# LVMPD Sgt Henry Prendes # 4067 Killed in the Line of Duty



## SGT_GRUNT_USMC (May 31, 2004)

As you all know one of the Las Vegas Metropolitan Police Department's Finest, Sgt Henry Prendes was lost this past week.I went to my first police funeral today, after only 2 months on the street.It was very sad, but very impressive.There were thousands of officer from various local,state, and federal agencies.The entire Las Vegas strip as well as other streets and freeways were shut down for a funeral procession that consisted of more 2,000 police vehicles that escorted Sgt Prendes.Thousand of citizens came out along the route with American flags and hands on their hearts to honor him.

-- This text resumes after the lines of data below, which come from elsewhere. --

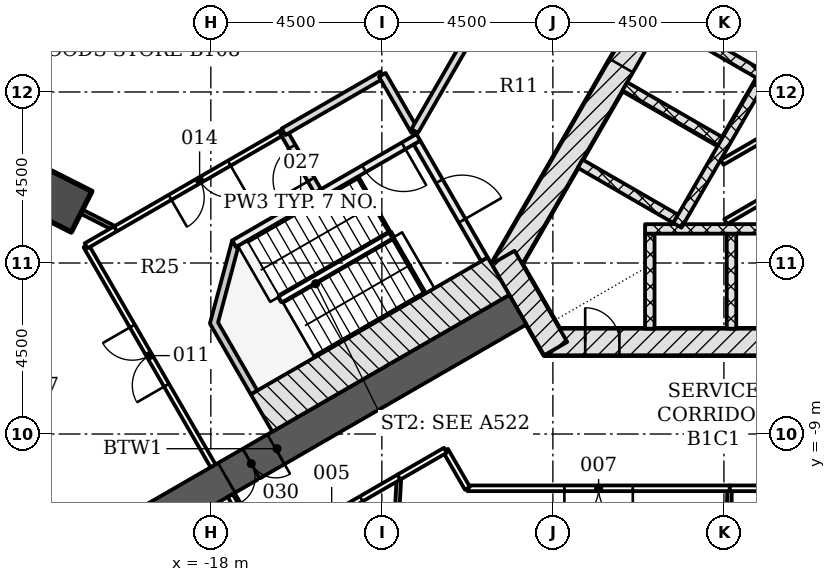
"""IFC4 building model, lengths in metres.
Left out: names, types, materials, properties, quantities, classifications, styles, units other than length and angle.
Written with IfcOpenShell. Run it as: python <this file> out.ifc"""

import sys

from ifc_helpers import new_model, si_unit, direction, frame, frame_2d, origin, origin_2d, place, context, subcontext, project, spatial, polyline, rectangle, outline, extrude, element, fill, save


model = new_model("IFC4")
c1 = context("Model", 3, precision=1e-05, world=origin(), true_north=direction((0.0, 1.0)))
c2 = subcontext(c1, "Body", "Model", "MODEL_VIEW")
j1 = project(units=[si_unit("LENGTHUNIT", "METRE"), si_unit("PLANEANGLEUNIT", "RADIAN")], contexts=[c1])
p1 = place(None, origin())
s1 = spatial("IfcSite", under=j1, at=p1, CompositionType="ELEMENT")
p2 = place(p1, origin())
s2 = spatial("IfcBuilding", under=s1, at=p2, CompositionType="ELEMENT")
p3 = place(p2, frame((0.0, 0.0, -4.5)))
s3 = spatial("IfcBuildingStorey", under=s2, at=p3, CompositionType="ELEMENT", Elevation=-4.5)
p4 = place(p3, frame((-21.937, -2.88, -0.3), z_axis=(0.0, 0.0, 1.0), x_axis=(-0.89250065469, 0.451046096733, 0.0)))
e1 = element("IfcColumn", 1, at=p4, inside=s3, PredefinedType="COLUMN", context=c2, shape_type="SweptSolid", body=[
    extrude(rectangle(XDim=1.2, YDim=1.2, at=origin_2d()), origin(), (0.0, 0.0, 1.0), 4.55),
])
p5 = place(p3, frame((-9.229, -6.578, -0.3), z_axis=(0.0, 0.0, 1.0), x_axis=(1.0, 0.0, 0.0)))
e2 = element("IfcWall", 2, at=p5, inside=s3, PredefinedType="SHEAR", context=c2, shape_type="SweptSolid", body=[
    extrude(rectangle(XDim=18.458, YDim=0.7, at=frame_2d((9.229, 0.0))), origin(), (0.0, 0.0, 1.0), 4.55),
])
p6 = place(p5, frame((1.079, 0.0, 0.3)))
e3 = element("IfcOpeningElement", 3, at=p6, cuts=e2, PredefinedType="OPENING", context=c2, shape_type="SweptSolid", body=[
    extrude(rectangle(XDim=0.9, YDim=2.1, at=frame_2d((0.45, 1.05))), frame((0.0, 0.36, 0.0), z_axis=(0.0, -1.0, 0.0), x_axis=(1.0, 0.0, 0.0)), (0.0, 0.0, 1.0), 0.72),
])
p7 = place(p3, frame((-1.083, 11.281, -0.3), z_axis=(0.0, 0.0, 1.0), x_axis=(-0.500001446645, -0.866024568562, 0.0)))
e4 = element("IfcWall", 4, at=p7, inside=s3, PredefinedType="SHEAR", context=c2, shape_type="SweptSolid", body=[
    extrude(rectangle(XDim=18.458, YDim=0.7, at=frame_2d((9.229, 0.0))), origin(), (0.0, 0.0, 1.0), 4.55),
])
p8 = place(p7, frame((8.979, 0.0, 0.3)))
e5 = element("IfcOpeningElement", 5, at=p8, cuts=e4, PredefinedType="OPENING", context=c2, shape_type="SweptSolid", body=[
    extrude(rectangle(XDim=1.2, YDim=2.1, at=frame_2d((0.6, 1.05))), frame((0.0, 0.36, 0.0), z_axis=(0.0, -1.0, 0.0), x_axis=(1.0, 0.0, 0.0)), (0.0, 0.0, 1.0), 0.72),
])
p9 = place(p7, frame((11.029, 0.0, 0.3)))
e6 = element("IfcOpeningElement", 6, at=p9, cuts=e4, PredefinedType="OPENING", context=c2, shape_type="SweptSolid", body=[
    extrude(rectangle(XDim=1.2, YDim=2.1, at=frame_2d((0.6, 1.05))), frame((0.0, 0.36, 0.0), z_axis=(0.0, -1.0, 0.0), x_axis=(1.0, 0.0, 0.0)), (0.0, 0.0, 1.0), 0.72),
])
p10 = place(p3, frame((-10.311, -4.353, -0.3), z_axis=(0.0, 0.0, 1.0), x_axis=(0.500042739161, -0.866000726912, 0.0)))
e7 = element("IfcWall", 7, at=p10, inside=s3, PredefinedType="SHEAR", context=c2, shape_type="SweptSolid", body=[
    extrude(rectangle(XDim=2.771, YDim=0.7, at=frame_2d((1.386, 0.0))), origin(), (0.0, 0.0, 1.0), 4.55),
])
p11 = place(p3, frame((-9.922, -5.728, -0.3), z_axis=(0.0, 0.0, 1.0), x_axis=(-0.866028046028, -0.499995423472, 0.0)))
e8 = element("IfcWall", 8, at=p11, inside=s3, PredefinedType="SHEAR", context=c2, shape_type="SweptSolid", body=[
    extrude(rectangle(XDim=14.633, YDim=0.9, at=frame_2d((7.316, 0.0))), origin(), (0.0, 0.0, 1.0), 4.55),
])
p12 = place(p11, frame((7.35, 0.0, 0.3)))
e9 = element("IfcOpeningElement", 9, at=p12, cuts=e8, PredefinedType="OPENING", context=c2, shape_type="SweptSolid", body=[
    extrude(rectangle(XDim=1.5, YDim=2.1, at=frame_2d((0.75, 1.05))), frame((0.0, 0.46, 0.0), z_axis=(0.0, -1.0, 0.0), x_axis=(1.0, 0.0, 0.0)), (0.0, 0.0, 1.0), 0.92),
])
for number, where, z_axis, x_axis in (
    (10, (-6.45, -6.228, 0.0), (0.0, 0.0, 1.0), (0.0, 1.0, 0.0)),
    (11, (-4.3, -6.228, 0.0), (0.0, 0.0, 1.0), (0.0, 1.0, 0.0)),
):
    element("IfcWall", number, at=place(p3, frame(where, z_axis=z_axis, x_axis=x_axis)), inside=s3, PredefinedType="PARTITIONING", context=c2, shape_type="SweptSolid", body=[
        extrude(rectangle(XDim=2.5, YDim=0.25, at=frame_2d((1.25, 0.0))), origin(), (0.0, 0.0, 1.0), 4.25),
    ])
p13 = place(p3, frame((-6.575, -3.603, 0.0), z_axis=(0.0, 0.0, 1.0), x_axis=(1.0, 0.0, 0.0)))
e12 = element("IfcWall", 12, at=p13, inside=s3, PredefinedType="PARTITIONING", context=c2, shape_type="SweptSolid", body=[
    extrude(rectangle(XDim=13.15, YDim=0.25, at=frame_2d((6.575, 0.0))), origin(), (0.0, 0.0, 1.0), 4.25),
])
for number, where, z_axis, x_axis in (
    (13, (-6.081, 1.923, -0.3), (0.0, 0.0, 1.0), (0.866, -0.5, 0.0)),
    (14, (-7.106, 0.148, -0.3), (0.0, 0.0, 1.0), (0.866, -0.5, 0.0)),
):
    element("IfcWall", number, at=place(p3, frame(where, z_axis=z_axis, x_axis=x_axis)), inside=s3, PredefinedType="PARTITIONING", context=c2, shape_type="SweptSolid", body=[
        extrude(rectangle(XDim=2.9, YDim=0.25, at=frame_2d((1.45, 0.0))), origin(), (0.0, 0.0, 1.0), 4.55),
    ])
p14 = place(p3, frame((-8.281, -1.887, 0.0), z_axis=(0.0, 0.0, 1.0), x_axis=(0.866032775405, -0.499987231761, 0.0)))
e15 = element("IfcWall", 15, at=p14, inside=s3, PredefinedType="PARTITIONING", context=c2, shape_type="SweptSolid", body=[
    extrude(rectangle(XDim=2.9, YDim=0.25, at=frame_2d((1.45, 0.0))), origin(), (0.0, 0.0, 1.0), 4.25),
])
p15 = place(p3, frame((0.176, 6.711, 0.0), z_axis=(0.0, 0.0, 1.0), x_axis=(-0.500004227369, -0.866022963098, 0.0)))
e16 = element("IfcWall", 16, at=p15, inside=s3, PredefinedType="PARTITIONING", context=c2, shape_type="SweptSolid", body=[
    extrude(rectangle(XDim=11.8, YDim=0.25, at=frame_2d((5.9, 0.0))), origin(), (0.0, 0.0, 1.0), 4.25),
])
p16 = place(p3, frame((-4.548, -1.851, 0.0), z_axis=(0.0, 0.0, 1.0), x_axis=(0.866023939251, 0.500002536638, 0.0)))
e17 = element("IfcWall", 17, at=p16, inside=s3, PredefinedType="PARTITIONING", context=c2, shape_type="SweptSolid", body=[
    extrude(rectangle(XDim=11.092, YDim=0.15, at=frame_2d((5.546, 0.0))), origin(), (0.0, 0.0, 1.0), 4.25),
])
p17 = place(p16, frame((3.497, 0.0, 0.0)))
e18 = element("IfcOpeningElement", 18, at=p17, cuts=e17, PredefinedType="OPENING", context=c2, shape_type="SweptSolid", body=[
    extrude(rectangle(XDim=0.9, YDim=2.1, at=frame_2d((0.45, 1.05))), frame((0.0, 0.085, 0.0), z_axis=(0.0, -1.0, 0.0), x_axis=(1.0, 0.0, 0.0)), (0.0, 0.0, 1.0), 0.17),
])
p18 = place(p3, frame((-4.454, -3.413, 0.0), z_axis=(0.0, 0.0, 1.0), x_axis=(0.86603043987, 0.499991277142, 0.0)))
e19 = element("IfcWall", 19, at=p18, inside=s3, PredefinedType="PARTITIONING", context=c2, shape_type="SweptSolid", body=[
    extrude(rectangle(XDim=11.792, YDim=0.15, at=frame_2d((5.896, 0.0))), origin(), (0.0, 0.0, 1.0), 4.25),
])
p19 = place(p18, frame((3.847, 0.0, 0.0)))
e20 = element("IfcOpeningElement", 20, at=p19, cuts=e19, PredefinedType="OPENING", context=c2, shape_type="SweptSolid", body=[
    extrude(rectangle(XDim=0.9, YDim=2.1, at=frame_2d((0.45, 1.05))), frame((0.0, 0.085, 0.0), z_axis=(0.0, -1.0, 0.0), x_axis=(1.0, 0.0, 0.0)), (0.0, 0.0, 1.0), 0.17),
])
p20 = place(p3, frame((-12.576, -1.331, -0.3), z_axis=(0.0, 0.0, 1.0), x_axis=(0.499970499736, -0.8660424351, 0.0)))
e21 = element("IfcWall", 21, at=p20, inside=s3, PredefinedType="SHEAR", context=c2, shape_type="SweptSolid", body=[
    extrude(rectangle(XDim=3.55, YDim=0.2, at=frame_2d((1.775, 0.0))), origin(), (0.0, 0.0, 1.0), 4.55),
])
p21 = place(p20, frame((1.175, 0.0, 0.3)))
e22 = element("IfcOpeningElement", 22, at=p21, cuts=e21, PredefinedType="OPENING", context=c2, shape_type="SweptSolid", body=[
    extrude(rectangle(XDim=1.2, YDim=2.1, at=frame_2d((0.6, 1.05))), frame((0.0, 0.11, 0.0), z_axis=(0.0, -1.0, 0.0), x_axis=(1.0, 0.0, 0.0)), (0.0, 0.0, 1.0), 0.22),
])
p22 = place(p3, frame((-12.539, -1.194, -0.3), z_axis=(0.0, 0.0, 1.0), x_axis=(-0.866045472092, -0.499965239061, 0.0)))
e23 = element("IfcWall", 23, at=p22, inside=s3, PredefinedType="SHEAR", context=c2, shape_type="SweptSolid", body=[
    extrude(rectangle(XDim=5.6, YDim=0.2, at=frame_2d((2.8, 0.0))), origin(), (0.0, 0.0, 1.0), 4.55),
])
p23 = place(p22, frame((0.45, 0.0, 0.3)))
e24 = element("IfcOpeningElement", 24, at=p23, cuts=e23, PredefinedType="OPENING", context=c2, shape_type="SweptSolid", body=[
    extrude(rectangle(XDim=1.2, YDim=2.1, at=frame_2d((0.6, 1.05))), frame((0.0, 0.11, 0.0), z_axis=(0.0, -1.0, 0.0), x_axis=(1.0, 0.0, 0.0)), (0.0, 0.0, 1.0), 0.22),
])
p24 = place(p3, frame((-10.43, -4.847, -0.3), z_axis=(0.0, 0.0, 1.0), x_axis=(-0.866018442252, -0.500012057535, 0.0)))
e25 = element("IfcWall", 25, at=p24, inside=s3, PredefinedType="SHEAR", context=c2, shape_type="SweptSolid", body=[
    extrude(rectangle(XDim=7.2, YDim=1.136, at=frame_2d((3.6, 0.0))), origin(), (0.0, 0.0, 1.0), 4.55),
])
p25 = place(p3, frame((0.0, 0.0, -0.3)))
e26 = element("IfcWall", 26, at=p25, inside=s3, PredefinedType="SHEAR", context=c2, shape_type="SweptSolid", body=[
    extrude(outline(polyline([(-17.439, -3.907), (-18.025, -6.093), (-16.95, -7.955), (-16.777, -7.855), (-17.81, -6.065), (-17.267, -4.039), (-17.339, -4.081), (-17.339, -4.081), (-17.339, -4.081), (-17.339, -4.081), (-17.339, -4.081), (-17.339, -4.081), (-17.339, -4.081), (-17.339, -4.081), (-17.339, -4.081), (-17.339, -4.081), (-17.339, -4.081), (-17.339, -4.081), (-17.339, -4.081), (-17.339, -4.081), (-17.339, -4.081), (-17.339, -4.081), (-17.339, -4.081), (-17.439, -3.907)])), origin(), (0.0, 0.0, 1.0), 4.55),
])
p26 = place(p3, frame((-13.429, -16.96, 0.0), z_axis=(0.0, 0.0, 1.0), x_axis=(0.055551088657, 0.998455846069, 0.0)))
e27 = element("IfcWall", 27, at=p26, inside=s3, PredefinedType="PARTITIONING", context=c2, shape_type="SweptSolid", body=[
    extrude(rectangle(XDim=6.838, YDim=0.12, at=frame_2d((3.419, 0.0))), origin(), (0.0, 0.0, 1.0), 3.638),
])
p27 = place(p3, frame((-13.045, -10.13, 0.0), z_axis=(0.0, 0.0, 1.0), x_axis=(-0.866035577775, -0.499982377718, 0.0)))
e28 = element("IfcWall", 28, at=p27, inside=s3, PredefinedType="PARTITIONING", context=c2, shape_type="SweptSolid", body=[
    extrude(rectangle(XDim=4.093, YDim=0.15, at=frame_2d((2.046, 0.0))), origin(), (0.0, 0.0, 1.0), 3.638),
])
p28 = place(p27, frame((1.15, 0.0, 0.0)))
e29 = element("IfcOpeningElement", 29, at=p28, cuts=e28, PredefinedType="OPENING", context=c2, shape_type="SweptSolid", body=[
    extrude(rectangle(XDim=1.8, YDim=2.1, at=frame_2d((0.9, 1.05))), frame((0.0, 0.085, 0.0), z_axis=(0.0, -1.0, 0.0), x_axis=(1.0, 0.0, 0.0)), (0.0, 0.0, 1.0), 0.17),
])
p29 = place(p3, frame((-16.591, -12.176, 0.0), z_axis=(0.0, 0.0, 1.0), x_axis=(-0.499965372359, 0.866045395139, 0.0)))
e30 = element("IfcWall", 30, at=p29, inside=s3, PredefinedType="PARTITIONING", context=c2, shape_type="SweptSolid", body=[
    extrude(rectangle(XDim=1.798, YDim=0.15, at=frame_2d((0.899, 0.0))), origin(), (0.0, 0.0, 1.0), 3.638),
])
p30 = place(p3, frame((-4.351, -10.429, 0.0), z_axis=(0.0, 0.0, 1.0), x_axis=(-0.018497563981, -0.999828905427, 0.0)))
e31 = element("IfcWall", 31, at=p30, inside=s3, PredefinedType="PARTITIONING", context=c2, shape_type="SweptSolid", body=[
    extrude(rectangle(XDim=6.863, YDim=0.12, at=frame_2d((3.432, 0.0))), origin(), (0.0, 0.0, 1.0), 3.638),
])
p31 = place(p3, frame((0.004, -10.428, 0.0), z_axis=(0.0, 0.0, 1.0), x_axis=(-1.0, 0.0, 0.0)))
e32 = element("IfcWall", 32, at=p31, inside=s3, PredefinedType="PARTITIONING", context=c2, shape_type="SweptSolid", body=[
    extrude(rectangle(XDim=4.359, YDim=0.15, at=frame_2d((2.179, 0.0))), origin(), (0.0, 0.0, 1.0), 3.638),
])
p32 = place(p31, frame((1.65, 0.0, 0.0)))
e33 = element("IfcOpeningElement", 33, at=p32, cuts=e32, PredefinedType="OPENING", context=c2, shape_type="SweptSolid", body=[
    extrude(rectangle(XDim=1.0, YDim=2.1, at=frame_2d((0.5, 1.05))), frame((0.0, 0.085, 0.0), z_axis=(0.0, -1.0, 0.0), x_axis=(1.0, 0.0, 0.0)), (0.0, 0.0, 1.0), 0.17),
])
p33 = place(p3, frame((-4.347, -10.428, 0.0), z_axis=(0.0, 0.0, 1.0), x_axis=(-1.0, 0.0, 0.0)))
e34 = element("IfcWall", 34, at=p33, inside=s3, PredefinedType="PARTITIONING", context=c2, shape_type="SweptSolid", body=[
    extrude(rectangle(XDim=6.902, YDim=0.15, at=frame_2d((3.451, 0.0))), origin(), (0.0, 0.0, 1.0), 3.638),
])
p34 = place(p33, frame((2.55, 0.0, 0.0)))
e35 = element("IfcOpeningElement", 35, at=p34, cuts=e34, PredefinedType="OPENING", context=c2, shape_type="SweptSolid", body=[
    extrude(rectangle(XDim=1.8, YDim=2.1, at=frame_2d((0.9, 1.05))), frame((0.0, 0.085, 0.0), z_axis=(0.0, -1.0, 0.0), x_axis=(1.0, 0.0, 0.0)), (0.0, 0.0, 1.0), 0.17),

Here's some links about the massive gun battle that took Sergeant Prendes's life and the funeral:

http://www.reviewjournal.com/news/prendes/slideshow/

http://www.klas-tv.com/Global/story.asp?S=4442110

http://www.klas-tv.com/Global/story.asp?S=4463352

http://www.kvbc.com/Global/story.asp?S=4443042&nav=15MU

If you want to leave a tribute to this brave American hero you can do it HERE....just go down to where it says "Leave a Reflection"

http://www.odmp.org/officer.php?oid=18136


----------



## mikey742 (Mar 4, 2005)

May he rest in peace and have God watch over his family.


----------



## RustyShackleford (Sep 1, 2005)

God bless him and his family.


----------



## kwflatbed (Dec 29, 2004)

May he rest in peace.


----------